Unnamed: 0,mean_test_score,param_C,param_kernel,param_gamma,std_test_score
35,0.973333,10.0,sigmoid,1.0,0.03266
51,0.973333,100.0,sigmoid,1.0,0.03266
33,0.973333,10.0,rbf,1.0,0.024944
53,0.973333,100.0,rbf,0.1,0.024944
55,0.966667,100.0,sigmoid,0.1,0.029814
34,0.966667,10.0,poly,1.0,0.029814
32,0.966667,10.0,linear,1.0,0.029814
36,0.966667,10.0,linear,0.1,0.029814
40,0.966667,10.0,linear,0.01,0.029814
44,0.966667,10.0,linear,0.001,0.029814


The linear kernel with $C=1$ is not among the champions, so we did not so good in the initial fixed setting.

Recall the definition of [kernel functions](https://scikit-learn.org/dev/modules/svm.html#svm-kernels).
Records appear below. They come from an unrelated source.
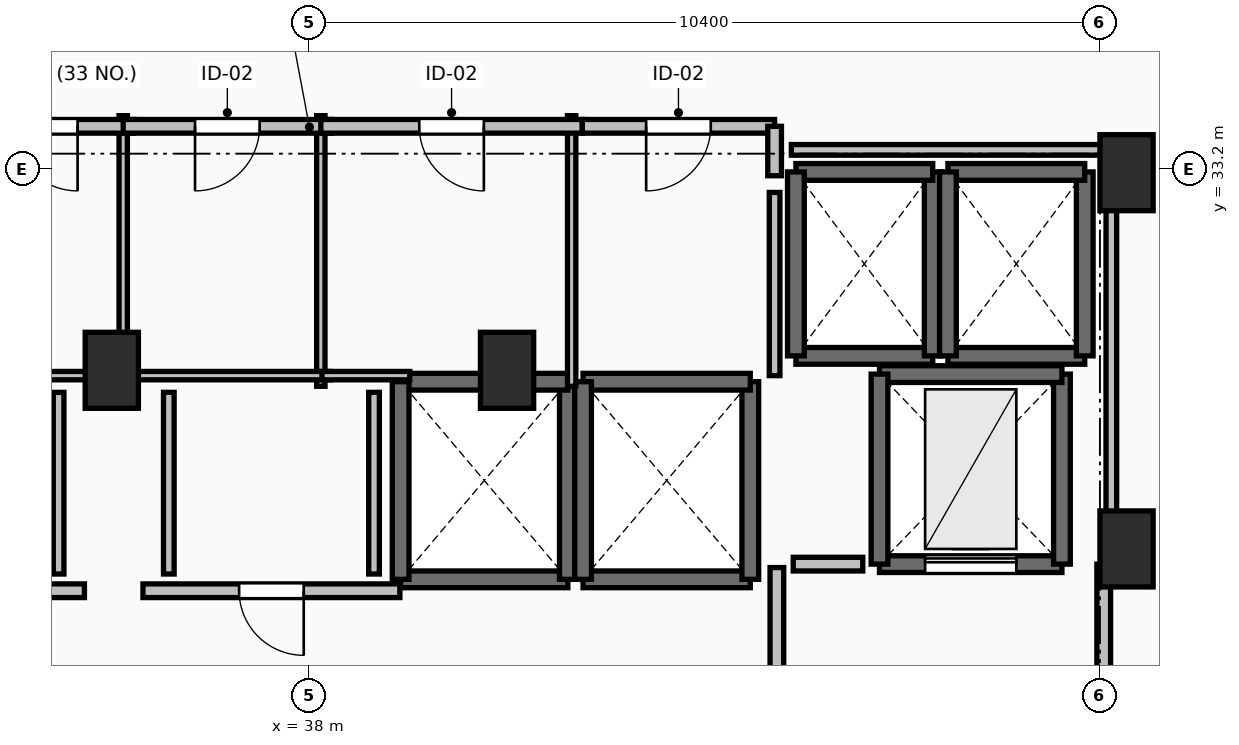
"""IFC4 building model, lengths in metres.
Left out: names, types, materials, properties, quantities, classifications, styles, units other than length and angle.
Written with IfcOpenShell. Run it as: python <this file> out.ifc"""

import sys

from ifc_helpers import new_model, si_unit, direction, frame, frame_2d, origin, origin_2d, place, context, subcontext, project, spatial, rectangle, extrude, element, fill, save


model = new_model("IFC4")
c1 = context("Model", 3, precision=1e-05, world=origin(), true_north=direction((0.0, 1.0)))
c2 = subcontext(c1, "Body", "Model", "MODEL_VIEW")
j1 = project(units=[si_unit("LENGTHUNIT", "METRE"), si_unit("PLANEANGLEUNIT", "RADIAN")], contexts=[c1])
p1 = place(None, origin())
s1 = spatial("IfcSite", under=j1, at=p1, CompositionType="ELEMENT")
p2 = place(p1, origin())
s2 = spatial("IfcBuilding", under=s1, at=p2, CompositionType="ELEMENT")
p3 = place(p2, frame((0.0, 0.0, 217.85)))
s3 = spatial("IfcBuildingStorey", under=s2, at=p3, CompositionType="ELEMENT", Elevation=217.85)
for number, where, z_axis, x_axis in (
    (1, (48.75, 33.15, 0.0), (0.0, 0.0, 1.0), (1.0, 0.0, 0.0)),
    (2, (48.75, 28.2, 0.0), (0.0, 0.0, 1.0), (1.0, 0.0, 0.0)),
    (3, (35.4, 30.55, 0.0), (0.0, 0.0, 1.0), (1.0, 0.0, 0.0)),
    (4, (40.6, 30.55, 0.0), (0.0, 0.0, 1.0), (1.0, 0.0, 0.0)),
):
    element("IfcColumn", number, at=place(p3, frame(where, z_axis=z_axis, x_axis=x_axis)), inside=s3, PredefinedType="PILASTER", context=c2, shape_type="SweptSolid", body=[
        extrude(rectangle(XDim=0.7, YDim=1.0, at=origin_2d()), origin(), (0.0, 0.0, 1.0), 3.55),
    ])
p4 = place(p3, frame((39.2, 27.8, 0.0), z_axis=(0.0, 0.0, 1.0), x_axis=(1.0, 0.0, 0.0)))
e5 = element("IfcWall", 5, at=p4, inside=s3, PredefinedType="SOLIDWALL", context=c2, shape_type="SweptSolid", body=[
    extrude(rectangle(XDim=2.2, YDim=0.22, at=frame_2d((1.1, 0.0))), origin(), (0.0, 0.0, 1.0), 3.29),
])
p5 = place(p3, frame((41.4, 27.8, 0.0), z_axis=(0.0, 0.0, 1.0), x_axis=(0.0, 1.0, 0.0)))
e6 = element("IfcWall", 6, at=p5, inside=s3, PredefinedType="SOLIDWALL", context=c2, shape_type="SweptSolid", body=[
    extrude(rectangle(XDim=2.6, YDim=0.22, at=frame_2d((1.3, 0.0))), origin(), (0.0, 0.0, 1.0), 3.29),
])
p6 = place(p3, frame((41.4, 30.4, 0.0), z_axis=(0.0, 0.0, 1.0), x_axis=(-1.0, 0.0, 0.0)))
e7 = element("IfcWall", 7, at=p6, inside=s3, PredefinedType="SOLIDWALL", context=c2, shape_type="SweptSolid", body=[
    extrude(rectangle(XDim=2.2, YDim=0.22, at=frame_2d((1.1, 0.0))), origin(), (0.0, 0.0, 1.0), 3.29),
])
p7 = place(p3, frame((39.2, 30.4, 0.0), z_axis=(0.0, 0.0, 1.0), x_axis=(0.0, -1.0, 0.0)))
e8 = element("IfcWall", 8, at=p7, inside=s3, PredefinedType="SOLIDWALL", context=c2, shape_type="SweptSolid", body=[
    extrude(rectangle(XDim=2.6, YDim=0.22, at=frame_2d((1.3, 0.0))), origin(), (0.0, 0.0, 1.0), 3.29),
])
p8 = place(p3, frame((41.6, 27.8, 0.0), z_axis=(0.0, 0.0, 1.0), x_axis=(1.0, 0.0, 0.0)))
e9 = element("IfcWall", 9, at=p8, inside=s3, PredefinedType="SOLIDWALL", context=c2, shape_type="SweptSolid", body=[
    extrude(rectangle(XDim=2.2, YDim=0.22, at=frame_2d((1.1, 0.0))), origin(), (0.0, 0.0, 1.0), 3.29),
])
p9 = place(p3, frame((43.8, 27.8, 0.0), z_axis=(0.0, 0.0, 1.0), x_axis=(0.0, 1.0, 0.0)))
e10 = element("IfcWall", 10, at=p9, inside=s3, PredefinedType="SOLIDWALL", context=c2, shape_type="SweptSolid", body=[
    extrude(rectangle(XDim=2.6, YDim=0.22, at=frame_2d((1.3, 0.0))), origin(), (0.0, 0.0, 1.0), 3.29),
])
p10 = place(p3, frame((43.8, 30.4, 0.0), z_axis=(0.0, 0.0, 1.0), x_axis=(-1.0, 0.0, 0.0)))
e11 = element("IfcWall", 11, at=p10, inside=s3, PredefinedType="SOLIDWALL", context=c2, shape_type="SweptSolid", body=[
    extrude(rectangle(XDim=2.2, YDim=0.22, at=frame_2d((1.1, 0.0))), origin(), (0.0, 0.0, 1.0), 3.29),
])
p11 = place(p3, frame((41.6, 30.4, 0.0), z_axis=(0.0, 0.0, 1.0), x_axis=(0.0, -1.0, 0.0)))
e12 = element("IfcWall", 12, at=p11, inside=s3, PredefinedType="SOLIDWALL", context=c2, shape_type="SweptSolid", body=[
    extrude(rectangle(XDim=2.6, YDim=0.22, at=frame_2d((1.3, 0.0))), origin(), (0.0, 0.0, 1.0), 3.29),
])
p12 = place(p3, frame((44.4, 30.74, 0.0), z_axis=(0.0, 0.0, 1.0), x_axis=(1.0, 0.0, 0.0)))
e13 = element("IfcWall", 13, at=p12, inside=s3, PredefinedType="SOLIDWALL", context=c2, shape_type="SweptSolid", body=[
    extrude(rectangle(XDim=1.8, YDim=0.22, at=frame_2d((0.9, 0.0))), origin(), (0.0, 0.0, 1.0), 3.29),
])
p13 = place(p3, frame((46.2, 30.74, 0.0), z_axis=(0.0, 0.0, 1.0), x_axis=(0.0, 1.0, 0.0)))
e14 = element("IfcWall", 14, at=p13, inside=s3, PredefinedType="SOLIDWALL", context=c2, shape_type="SweptSolid", body=[
    extrude(rectangle(XDim=2.42, YDim=0.22, at=frame_2d((1.21, 0.0))), origin(), (0.0, 0.0, 1.0), 3.29),
])
p14 = place(p3, frame((46.2, 33.16, 0.0), z_axis=(0.0, 0.0, 1.0), x_axis=(-1.0, 0.0, 0.0)))
e15 = element("IfcWall", 15, at=p14, inside=s3, PredefinedType="SOLIDWALL", context=c2, shape_type="SweptSolid", body=[
    extrude(rectangle(XDim=1.8, YDim=0.22, at=frame_2d((0.9, 0.0))), origin(), (0.0, 0.0, 1.0), 3.29),
])
p15 = place(p3, frame((44.4, 33.16, 0.0), z_axis=(0.0, 0.0, 1.0), x_axis=(0.0, -1.0, 0.0)))
e16 = element("IfcWall", 16, at=p15, inside=s3, PredefinedType="SOLIDWALL", context=c2, shape_type="SweptSolid", body=[
    extrude(rectangle(XDim=2.42, YDim=0.22, at=frame_2d((1.21, 0.0))), origin(), (0.0, 0.0, 1.0), 3.29),
])
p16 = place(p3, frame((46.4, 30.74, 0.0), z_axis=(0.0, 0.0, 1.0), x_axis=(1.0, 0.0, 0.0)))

The parameter $\gamma$ is not used in the linear kernel. Since $\gamma$ does not matter here, the best linear kernels with $C=10$ comes in four equally good paramerizations with $\gamma \in \{1,0.1,0.01,0.001\}$. Testing them adds to training time and is the drawback of using the grid search library instead of programming nested loops manually.